Пьер покраснел и, поспешно спустив ноги с
постели, нагнулся к старику, неестественно и робко улыбаясь.
— Я не из любопытства упомянул вам об этом,
государь мой, но по более важным причинам. — Он помолчал, не выпуская Пьера из
своего взгляда, и подвинулся на диване, приглашая этим жестом Пьера сесть подле
себя. Пьеру неприятно было вступать в разговор с этим стариком, но он, невольно
покоряясь ему, подошел и сел подле него.
— Вы несчастливы, государь мой, — продолжал
он. — Вы молоды, я стар.
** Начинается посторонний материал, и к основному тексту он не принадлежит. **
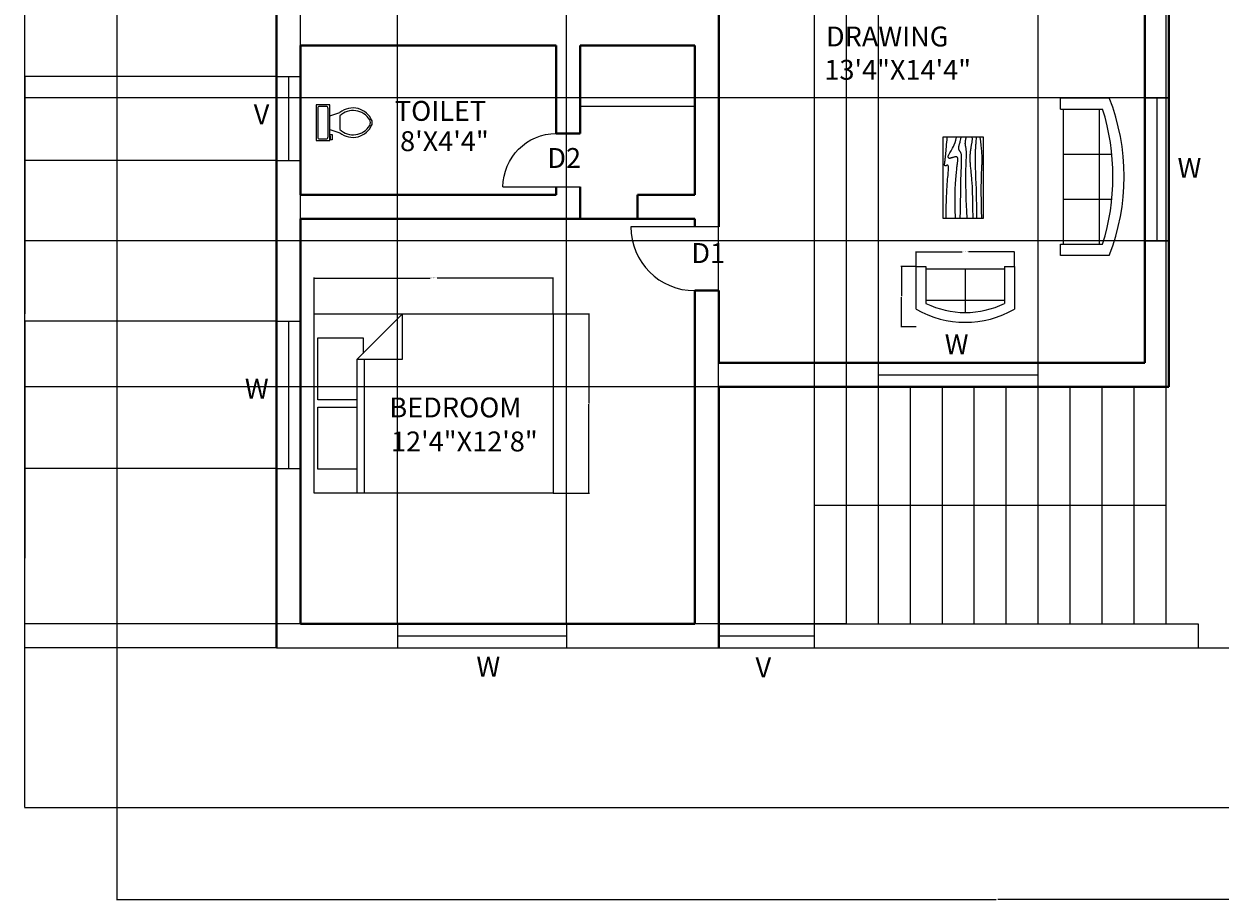
# Model space of a CAD drawing. Units: feet. Extents: x 2032 to 2763, y 1402 to 2145.
# Tile 1 of 6: x 2032 to 2482, y 1402 to 1731. Entities that reach past the tile are written whole.
import ezdxf

# ---------------------------------------------------------------- set-up
doc = ezdxf.new("R2010")
doc.units = ezdxf.units.FT
for name, color, linetype, lineweight in [('A-ANNO-DIMS', 2, 'Continuous', 18), ('A-ANNO-TEXT', 7, 'Continuous', 18), ('A-AREA-IDEN', 7, 'Continuous', 25), ('A-DOOR', 3, 'Continuous', 25), ('A-FLOR', 7, 'Continuous', 25), ('A-FLOR-CASE', 8, 'Continuous', 18), ('A-FLOR-FIXT', 8, 'Continuous', 18), ('A-FLOR-STRS', 7, 'Continuous', 18), ('A-FURN', 8, 'Continuous', 18), ('A-GLAZ', 4, 'Continuous', 18), ('A-WALL', 7, 'Continuous', 40), ('C-PROP', 8, 'Continuous', 25)]:
    doc.layers.add(name, color=color, linetype=linetype, lineweight=lineweight)
doc.styles.get("Standard").update_dxf_attribs({"font": 'arial.ttf'})
doc.dimstyles.get("Standard").update_dxf_attribs({"dimtxt": 0.18, "dimasz": 0.18, "dimexe": 0.18, "dimexo": 0.0625, "dimgap": 0.09, "dimtad": 0, "dimtih": 1, "dimtoh": 1, "dimdec": 4, "dimzin": 0, "dimdsep": 46, "dimtxsty": 'Standard', "dimcen": 0.09, "dimadec": 0, "dimazin": 0, "dimtfac": 1, "dimtdec": 4, "dimtofl": 0, "dimtmove": 0, "dimatfit": 3, "dimfxl": 1, "dimtolj": 1, "dimtzin": 0, "dimarcsym": 0})

# ---------------------------------------------------------------- blocks, each defined once
blk = doc.blocks.new('Bed - Queen')
for p, q in [((0, -80.00003), (0, 0)), ((0, 0), (59.99999, 0)), ((59.99999, 0), (59.99999, -80.00003)), ((7.99999, -1.2), (28.79998, -1.2)), ((7.99999, -14.4), (7.99999, -1.2)), ((28.79998, -1.2), (28.79998, -14.4)), ((31.19999, -1.2), (51.99999, -1.2)), ((31.19999, -14.4), (31.19999, -1.2)), ((51.99999, -1.2), (51.99999, -16.4)), ((0, -14.4), (44.8, -14.4)), ((59.99999, -29.6), (44.8, -14.4)), ((44.8, -14.4), (44.8, -29.6)), ((44.8, -16.8), (0, -16.8)), ((51.99999, -16.4), (46.79936, -16.4)), ((44.8, -29.6), (59.99999, -29.6)), ((59.99999, -80.00003), (0, -80.00003))]:
    blk.add_line(p, q)
blk = doc.blocks.new('Sofa - Roundback 7 ft.')
for p, q in [((-36.000027, -34), (-36.000027, -11.4696)), ((-12.00002, -32.4421), (-12.00003, -6.5971)), ((11.99997, -32.4421), (11.99998, -6.5971)), ((35.99998, -34), (35.99998, -11.4696)), ((-35.999844, -13.3819), (35.9998, -13.3819)), ((-36.000027, -32.4421), (35.99998, -32.4421))]:
    blk.add_line(p, q)
for points in [[(-36.000027, -34), (-42.000027, -34), (-42.000027, -8)], [(41.99998, -8), (41.99998, -34), (35.99998, -34)]]:
    blk.add_lwpolyline(points)
for centre, radius, start, end in [((0, -114.25), 114.25, 68.43141, 111.5686), ((-0.00001, -127.1968), 121.1968, 72.72033, 107.2797)]:
    blk.add_arc(centre, radius, start, end)
blk = doc.blocks.new('Sofa - Roundback Loveseat 5 ft.')
for p, q in [((0, -32.44198), (0, -5.99998)), ((-24, -33.99998), (-24, -11.46958)), ((-23.9998, -13.38178), (23.99986, -13.38178)), ((24.00004, -33.99998), (24.00004, -11.46958)), ((-24, -32.44198), (24.00004, -32.44198))]:
    blk.add_line(p, q)
for points in [[(-24, -33.99998), (-30, -33.99998), (-30, -7.99998)], [(30.00004, -7.99998), (30.00004, -33.99998), (24.00004, -33.99998)]]:
    blk.add_lwpolyline(points)
for centre, radius, start, end in [((0, -60.24998), 60.24998, 60.13715, 119.8628), ((0, -61.38438), 55.38444, 64.32083, 115.6792)]:
    blk.add_arc(centre, radius, start, end)
blk = doc.blocks.new('Table - Rectangular Woodgrain 60 x 30 in.')
for p, q in [((0, 0), (0, -30)), ((60, 0), (0, 0)), ((60, -30), (60, 0)), ((0, -30), (60, -30))]:
    blk.add_line(p, q)
for points in [[(0, -2.4), (4.8155, -2.418), (9.0302, -2.4688), (12.709, -2.5477), (15.9167, -2.65), (18.7181, -2.7711), (21.1781, -2.9063), (23.3616, -3.0508), (25.3333, -3.2), (27.1477, -3.3495), (28.8172, -3.4958), (30.3437, -3.636), (31.7291, -3.7667), (32.9756, -3.8849), (34.0849, -3.9875), (35.059, -4.0714), (35.9, -4.1334), (36.6114, -4.1711), (37.2041, -4.1854), (37.6906, -4.1779), (38.0833, -4.15), (38.3948, -4.1034), (38.6375, -4.0396), (38.8239, -3.9602), (38.9666, -3.8667), (39.0764, -3.7608), (39.1573, -3.6448), (39.2116, -3.521), (39.2416, -3.3917), (39.2498, -3.2593), (39.2385, -3.1261), (39.21, -2.9944), (39.1666, -2.8667), (39.111, -2.7447), (39.0468, -2.6281), (38.978, -2.5163), (38.9083, -2.4083), (38.8418, -2.3035), (38.7823, -2.201), (38.7337, -2.1001), (38.7, -2), (38.6844, -1.9003), (38.6875, -1.8021), (38.7094, -1.707), (38.75, -1.6167), (38.8094, -1.5326), (38.8875, -1.4563), (38.9844, -1.3893), (39.1, -1.3333), (39.2351, -1.2896), (39.3937, -1.2583), (39.5804, -1.2396), (39.8, -1.2333), (40.057, -1.2396), (40.3562, -1.2583), (40.7023, -1.2896), (41.1, -1.3333), (41.5547, -1.3895), (42.0755, -1.4573), (42.6721, -1.5361), (43.3542, -1.625), (44.1316, -1.7233), (45.014, -1.8302), (46.0114, -1.9449), (47.1333, -2.0667), (48.3862, -2.1947), (49.7625, -2.3281), (51.2513, -2.4663), (52.8416, -2.6083), (54.5226, -2.7535), (56.2833, -2.9011), (58.1127, -3.0501), (60, -3.2)], [(0, -9.2), (6.5759, -9.0858), (11.9385, -9.0365), (16.2527, -9.0418), (19.6833, -9.0917), (22.3952, -9.1759), (24.5531, -9.2844), (26.322, -9.4069), (27.8666, -9.5333), (29.3241, -9.6553), (30.7203, -9.7719), (32.0532, -9.8837), (33.3208, -9.9917), (34.5213, -10.0965), (35.6526, -10.199), (36.7128, -10.2999), (37.7, -10.4), (38.6129, -10.4996), (39.4531, -10.5969), (40.223, -10.6895), (40.925, -10.775), (41.5613, -10.8512), (42.1344, -10.9156), (42.6465, -10.966), (43.1, -11), (43.4976, -11.0158), (43.8437, -11.0136), (44.143, -10.9942), (44.4, -10.9583), (44.6195, -10.9069), (44.8062, -10.8406), (44.9648, -10.7603), (45.1, -10.6667), (45.2155, -10.5598), (45.3114, -10.4365), (45.3871, -10.2929), (45.4416, -10.125), (45.4743, -9.929), (45.4844, -9.7011), (45.4709, -9.4371), (45.4333, -9.1333), (45.3716, -8.7883), (45.2896, -8.4104), (45.1919, -8.0107), (45.0833, -7.6), (44.9685, -7.1893), (44.8521, -6.7896), (44.7388, -6.4117), (44.6333, -6.0667), (44.54, -5.7628), (44.4614, -5.4979), (44.4001, -5.2675), (44.3583, -5.0667), (44.3384, -4.8909), (44.3427, -4.7354), (44.3736, -4.5956), (44.4333, -4.4667), (44.5236, -4.3453), (44.6427, -4.2333), (44.7884, -4.1339), (44.9583, -4.05), (45.1501, -3.9849), (45.3614, -3.9417), (45.59, -3.9234), (45.8333, -3.9333), (46.0915, -3.9749), (46.3734, -4.0531), (46.6906, -4.1736), (47.0542, -4.3417), (47.4756, -4.5629), (47.9661, -4.8427), (48.5372, -5.1866), (49.2, -5.6), (49.9676, -6.0844), (50.8594, -6.625), (51.8965, -7.2031), (53.1, -7.8), (54.491, -8.3969), (56.0906, -8.975), (57.9199, -9.5156), (60, -10)], [(0, -12.8), (5.1847, -12.9322), (9.6213, -13.0323), (13.3963, -13.1059), (16.5958, -13.1583), (19.3063, -13.1952), (21.614, -13.2219), (23.6054, -13.2439), (25.3666, -13.2667), (26.9728, -13.2947), (28.4531, -13.3281), (29.8256, -13.3663), (31.1083, -13.4083), (32.3191, -13.4535), (33.476, -13.501), (34.597, -13.5501), (35.7, -13.6), (36.7984, -13.6497), (37.8875, -13.6979), (38.9578, -13.743), (40, -13.7833), (41.0047, -13.8174), (41.9625, -13.8438), (42.864, -13.8607), (43.7, -13.8667), (44.4631, -13.8604), (45.1552, -13.8417), (45.7801, -13.8104), (46.3416, -13.7667), (46.8439, -13.7104), (47.2906, -13.6417), (47.6858, -13.5604), (48.0333, -13.4667), (48.3375, -13.3608), (48.6042, -13.2448), (48.8396, -13.121), (49.05, -12.9917), (49.2417, -12.8593), (49.4208, -12.7261), (49.5937, -12.5944), (49.7667, -12.4667), (49.9452, -12.3451), (50.1323, -12.2313), (50.3303, -12.1268), (50.5416, -12.0333), (50.7686, -11.9524), (51.0135, -11.8854), (51.2788, -11.8341), (51.5666, -11.8), (51.8785, -11.7843), (52.2116, -11.7865), (52.562, -11.8059), (52.926, -11.8417), (53.2998, -11.8931), (53.6795, -11.9594), (54.0614, -12.0397), (54.4416, -12.1333), (54.8223, -12.2401), (55.2293, -12.3625), (55.6942, -12.5037), (56.2489, -12.6667), (56.9251, -12.8547), (57.7545, -13.0708), (58.7689, -13.3182), (60, -13.6)], [(0, -18), (5.124, -17.7273), (9.6609, -17.5057), (13.6705, -17.3303), (17.2125, -17.1958), (20.3467, -17.0973), (23.1328, -17.0297), (25.6307, -16.9878), (27.9, -16.9667), (29.9928, -16.9617), (31.9302, -16.9703), (33.7254, -16.9907), (35.3917, -17.0208), (36.9423, -17.0588), (38.3906, -17.1026), (39.7499, -17.1503), (41.0333, -17.2), (42.2519, -17.2496), (43.4073, -17.2969), (44.4986, -17.3395), (45.525, -17.375), (46.4858, -17.4012), (47.3802, -17.4156), (48.2074, -17.416), (48.9667, -17.4), (49.6583, -17.3662), (50.2872, -17.3167), (50.8595, -17.2547), (51.3812, -17.1833), (51.8584, -17.1057), (52.2971, -17.025), (52.7034, -16.9443), (53.0833, -16.8667), (53.443, -16.7951), (53.789, -16.7313), (54.128, -16.6768), (54.4666, -16.6334), (54.8115, -16.6024), (55.1693, -16.5854), (55.5465, -16.5841), (55.95, -16.6), (56.3828, -16.6337), (56.8346, -16.6823), (57.2915, -16.7418), (57.7396, -16.8084), (58.165, -16.878), (58.5539, -16.9469), (58.8924, -17.0111), (59.1666, -17.0667), (59.3679, -17.1107), (59.5078, -17.1438), (59.6032, -17.1675), (59.6708, -17.1833), (59.7275, -17.193), (59.7901, -17.1979), (59.8753, -17.1998), (60, -17.2)], [(0, -22.4), (8.0098, -22.2501), (14.4094, -22.1011), (19.4168, -21.9535), (23.25, -21.8083), (26.1269, -21.6663), (28.2656, -21.5281), (29.884, -21.3947), (31.2, -21.2667), (32.3967, -21.1448), (33.5172, -21.0292), (34.5697, -20.9198), (35.5625, -20.8167), (36.5037, -20.7198), (37.4015, -20.6292), (38.2642, -20.5448), (39.1, -20.4667), (39.9164, -20.3951), (40.7187, -20.3313), (41.5117, -20.2768), (42.3, -20.2333), (43.0883, -20.2024), (43.8812, -20.1854), (44.6836, -20.1841), (45.5, -20.2), (46.3328, -20.234), (47.1747, -20.2844), (48.0163, -20.3488), (48.8479, -20.425), (49.66, -20.5106), (50.4429, -20.6031), (51.1872, -20.7004), (51.8833, -20.8), (52.5246, -20.8999), (53.1166, -20.9995), (53.6681, -21.0983), (54.1875, -21.1958), (54.6834, -21.2919), (55.1646, -21.3859), (55.6394, -21.4777), (56.1167, -21.5667), (56.6028, -21.6515), (57.0961, -21.7266), (57.5929, -21.7852), (58.0896, -21.8208), (58.5823, -21.8268), (59.0674, -21.7964), (59.5412, -21.723), (60, -21.6)], [(0, -25.2), (8.6355, -25.0504), (15.7026, -24.9031), (21.4049, -24.7606), (25.9458, -24.625), (29.529, -24.4988), (32.3578, -24.3844), (34.6359, -24.284), (36.5667, -24.2), (38.3213, -24.1341), (39.9417, -24.0854), (41.437, -24.0523), (42.8167, -24.0333), (44.0901, -24.0268), (45.2667, -24.0313), (46.3557, -24.0451), (47.3667, -24.0667), (48.309, -24.0947), (49.1928, -24.1287), (50.0284, -24.168), (50.826, -24.2125), (51.5959, -24.2617), (52.3483, -24.3151), (53.0935, -24.3725), (53.8417, -24.4334), (54.6009, -24.497), (55.3699, -24.561), (56.1454, -24.6226), (56.9239, -24.6792), (57.7021, -24.7279), (58.4764, -24.7662), (59.2435, -24.7911), (60, -24.8)], [(0, -28.8), (5.6867, -28.6681), (10.45, -28.5698), (14.407, -28.5012), (17.675, -28.4584), (20.3711, -28.4374), (22.6125, -28.4344), (24.5164, -28.4455), (26.2, -28.4667), (27.762, -28.4947), (29.2276, -28.5281), (30.6033, -28.5663), (31.8958, -28.6084), (33.1118, -28.6535), (34.2578, -28.7011), (35.3405, -28.7501), (36.3666, -28.8), (37.3443, -28.8497), (38.288, -28.8974), (39.2137, -28.9412), (40.1375, -28.9792), (41.0753, -29.0093), (42.0432, -29.0297), (43.0572, -29.0384), (44.1333, -29.0333), (45.2936, -29.0114), (46.5843, -28.9641), (48.0579, -28.8816), (49.7666, -28.7542), (51.7629, -28.5721), (54.0989, -28.3255), (56.8272, -28.0048), (60, -27.6)]]:
    blk.add_lwpolyline(points)
blk = doc.blocks.new('Toilet - top')
for p, q in [((9.5, -6), (9.5, -2)), ((-10, -8.5), (-8, -8.5)), ((-10, -9.5), (-10, -8.5)), ((-7, -9.5), (-10, -9.5)), ((-8, -8.5), (-8, -8)), ((-7, -8), (-7, -9.5)), ((-4, -8), (-6, -14)), ((4, -14), (-4, -14)), ((4, -8), (6, -14))]:
    blk.add_line(p, q)
blk.add_lwpolyline([(10.5, -8), (10.5, 0), (-10.5, 0), (-10.5, -8)], close=True)
for points in [[(-9.5, -2), (-9.5, -6)], [(8.5, -1), (-8.5, -1)], [(-8.5, -7), (8.5, -7)]]:
    blk.add_lwpolyline(points)
for centre, radius, start, end in [((-8.62, -1.88), 0.884, 81.8699, 188.1301), ((-8.62, -6.12), 0.884, 171.8699, 278.1301), ((8.62, -1.88), 0.884, 351.8699, 98.1301), ((8.62, -6.12), 0.884, 261.8699, 8.1301), ((3.52, -21.58), 12.17, 141.46911, 247.97143), ((4.2, -21.82), 11.33, 136.36773, 238.94682), ((-3.52, -21.58), 12.17, 292.02843, 38.53071), ((-4.2, -21.82), 11.33, 301.05301, 43.63209), ((0, -27.88), 4, 245.73182, 294.26817), ((0, -29), 4, 254.86053, 285.13947)]:
    blk.add_arc(centre, radius, start, end)
blk = doc.blocks.new('DOOR-SWING-20')
blk.add_line((0, 20), (29, 20))
blk.add_arc((20, 20), 20, 180, 270)
blk = doc.blocks.new('*D15')
at = {"layer": 'A-ANNO-DIMS', "color": 0, "lineweight": -2, "transparency": 16777216}
for p, q in [((2141.39, 1621.99), (2141.39, 1635.57)), ((2141.57, 1635.39), (2184.95, 1635.39)), ((2230.94, 1635.39), (2187.56, 1635.39)), ((2231.12, 1621.99), (2231.12, 1635.57))]:
    blk.add_line(p, q, dxfattribs=at)
at = {"layer": 'A-ANNO-DIMS', "color": 0, "transparency": 16777216}
for points in [[(2141.57, 1635.42), (2141.57, 1635.36), (2141.39, 1635.39)], [(2230.94, 1635.42), (2230.94, 1635.36), (2231.12, 1635.39)]]:
    blk.add_solid(points, dxfattribs=at)
at = {"layer": 'Defpoints', "color": 0, "transparency": 16777216}
for p in [(2141.39, 1635.39), (2141.39, 1621.93), (2231.12, 1621.93)]:
    blk.add_point(p, dxfattribs=at)
at = {"layer": 'A-ANNO-DIMS', "color": 0, "transparency": 16777216, "insert": (2186.26, 1635.39), "char_height": 0.18, "attachment_point": 5}
blk.add_mtext('\\A1;QUEEN BED 90 TYP.', dxfattribs=at)
blk = doc.blocks.new('*D16')
at = {"layer": 'A-ANNO-DIMS', "color": 0, "lineweight": -2, "transparency": 16777216}
for p, q in [((2231.18, 1621.93), (2244.76, 1621.93)), ((2244.58, 1621.75), (2244.58, 1588.47)), ((2244.58, 1554.82), (2244.58, 1588.1)), ((2231.18, 1554.64), (2244.76, 1554.64))]:
    blk.add_line(p, q, dxfattribs=at)
at = {"layer": 'A-ANNO-DIMS', "color": 0, "transparency": 16777216}
for points in [[(2244.55, 1621.75), (2244.61, 1621.75), (2244.58, 1621.93)], [(2244.55, 1554.82), (2244.61, 1554.82), (2244.58, 1554.64)]]:
    blk.add_solid(points, dxfattribs=at)
at = {"layer": 'Defpoints', "color": 0, "transparency": 16777216}
for p in [(2231.12, 1621.93), (2244.58, 1621.93), (2231.12, 1554.64)]:
    blk.add_point(p, dxfattribs=at)
at = {"layer": 'A-ANNO-DIMS', "color": 0, "transparency": 16777216, "insert": (2244.58, 1588.28), "char_height": 0.18, "attachment_point": 5}
blk.add_mtext('\\A1;67 TYP.', dxfattribs=at)
blk = doc.blocks.new('*D19')
at = {"layer": 'A-ANNO-DIMS', "color": 0, "lineweight": -2, "transparency": 16777216}
for p, q in [((2367.48, 1639.73), (2367.48, 1645.38)), ((2367.66, 1645.2), (2384.69, 1645.2)), ((2404.17, 1645.2), (2387.14, 1645.2)), ((2404.35, 1639.73), (2404.35, 1645.38))]:
    blk.add_line(p, q, dxfattribs=at)
at = {"layer": 'A-ANNO-DIMS', "color": 0, "transparency": 16777216}
for points in [[(2367.66, 1645.23), (2367.66, 1645.17), (2367.48, 1645.2)], [(2404.17, 1645.23), (2404.17, 1645.17), (2404.35, 1645.2)]]:
    blk.add_solid(points, dxfattribs=at)
at = {"layer": 'Defpoints', "color": 0, "transparency": 16777216}
for p in [(2367.48, 1645.2), (2367.48, 1639.67), (2404.35, 1639.67)]:
    blk.add_point(p, dxfattribs=at)
at = {"layer": 'A-ANNO-DIMS', "color": 0, "transparency": 16777216, "insert": (2385.91, 1645.2), "char_height": 0.18, "attachment_point": 5}
blk.add_mtext('\\A1;LOVESEAT 37 TYP.', dxfattribs=at)
blk = doc.blocks.new('*D20')
at = {"layer": 'A-ANNO-DIMS', "color": 0, "lineweight": -2, "transparency": 16777216}
for p, q in [((2367.42, 1639.67), (2361.77, 1639.67)), ((2361.95, 1639.49), (2361.95, 1628.58)), ((2361.95, 1617.31), (2361.95, 1628.22)), ((2367.42, 1617.13), (2361.77, 1617.13))]:
    blk.add_line(p, q, dxfattribs=at)
at = {"layer": 'A-ANNO-DIMS', "color": 0, "transparency": 16777216}
for points in [[(2361.92, 1639.49), (2361.98, 1639.49), (2361.95, 1639.67)], [(2361.92, 1617.31), (2361.98, 1617.31), (2361.95, 1617.13)]]:
    blk.add_solid(points, dxfattribs=at)
at = {"layer": 'Defpoints', "color": 0, "transparency": 16777216}
for p in [(2367.48, 1639.67), (2361.95, 1617.13), (2367.48, 1617.13)]:
    blk.add_point(p, dxfattribs=at)
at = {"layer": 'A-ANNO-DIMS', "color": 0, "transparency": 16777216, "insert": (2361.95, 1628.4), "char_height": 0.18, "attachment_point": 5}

Я бы желал по мере моих сил помочь вам.
— Ах, да, — с неестественной улыбкой сказал
Пьер. — Очень вам благодарен… Вы откуда изволите проезжать? — Лицо проезжающего
было не ласково, даже холодно и строго, но несмотря на то, и речь и лицо нового
знакомца неотразимо-привлекательно действовали на Пьера.
— Но если по каким-либо причинам вам неприятен
разговор со мною, — сказал старик, — то вы так и скажите, государь мой. — И он
вдруг улыбнулся неожиданно, отечески-нежной улыбкой.
— Ах нет, совсем нет, напротив, я очень рад
познакомиться с вами, — сказал Пьер, и, взглянув еще раз на руки нового
знакомца, ближе рассмотрел перстень. Он увидал на нем Адамову голову, знак
масонства.
— Позвольте мне спросить, — сказал он. — Вы
масон?
— Да, я принадлежу к братству свободных
каменьщиков, сказал проезжий, все глубже и глубже вглядываясь в глаза Пьеру. —
И от себя и от их имени протягиваю вам братскую руку.
— Я боюсь, — сказал Пьер, улыбаясь и колеблясь
между доверием, внушаемым ему личностью масона, и привычкой насмешки над
верованиями масонов, — я боюсь, что я очень далек от пониманья, как это
сказать, я боюсь, что мой образ мыслей насчет всего мироздания так
противоположен вашему, что мы не поймем друг друга.
— Мне известен ваш образ мыслей, — сказал
масон, — и тот ваш образ мыслей, о котором вы говорите, и который вам кажется
произведением вашего мысленного труда, есть образ мыслей большинства людей,
есть однообразный плод гордости, лени и невежества. Извините меня, государь
мой, ежели бы я не знал его, я бы не заговорил с вами. Ваш образ мыслей есть
печальное заблуждение.
— Точно так же, как я могу предполагать, что и
вы находитесь в заблуждении, — сказал Пьер, слабо улыбаясь.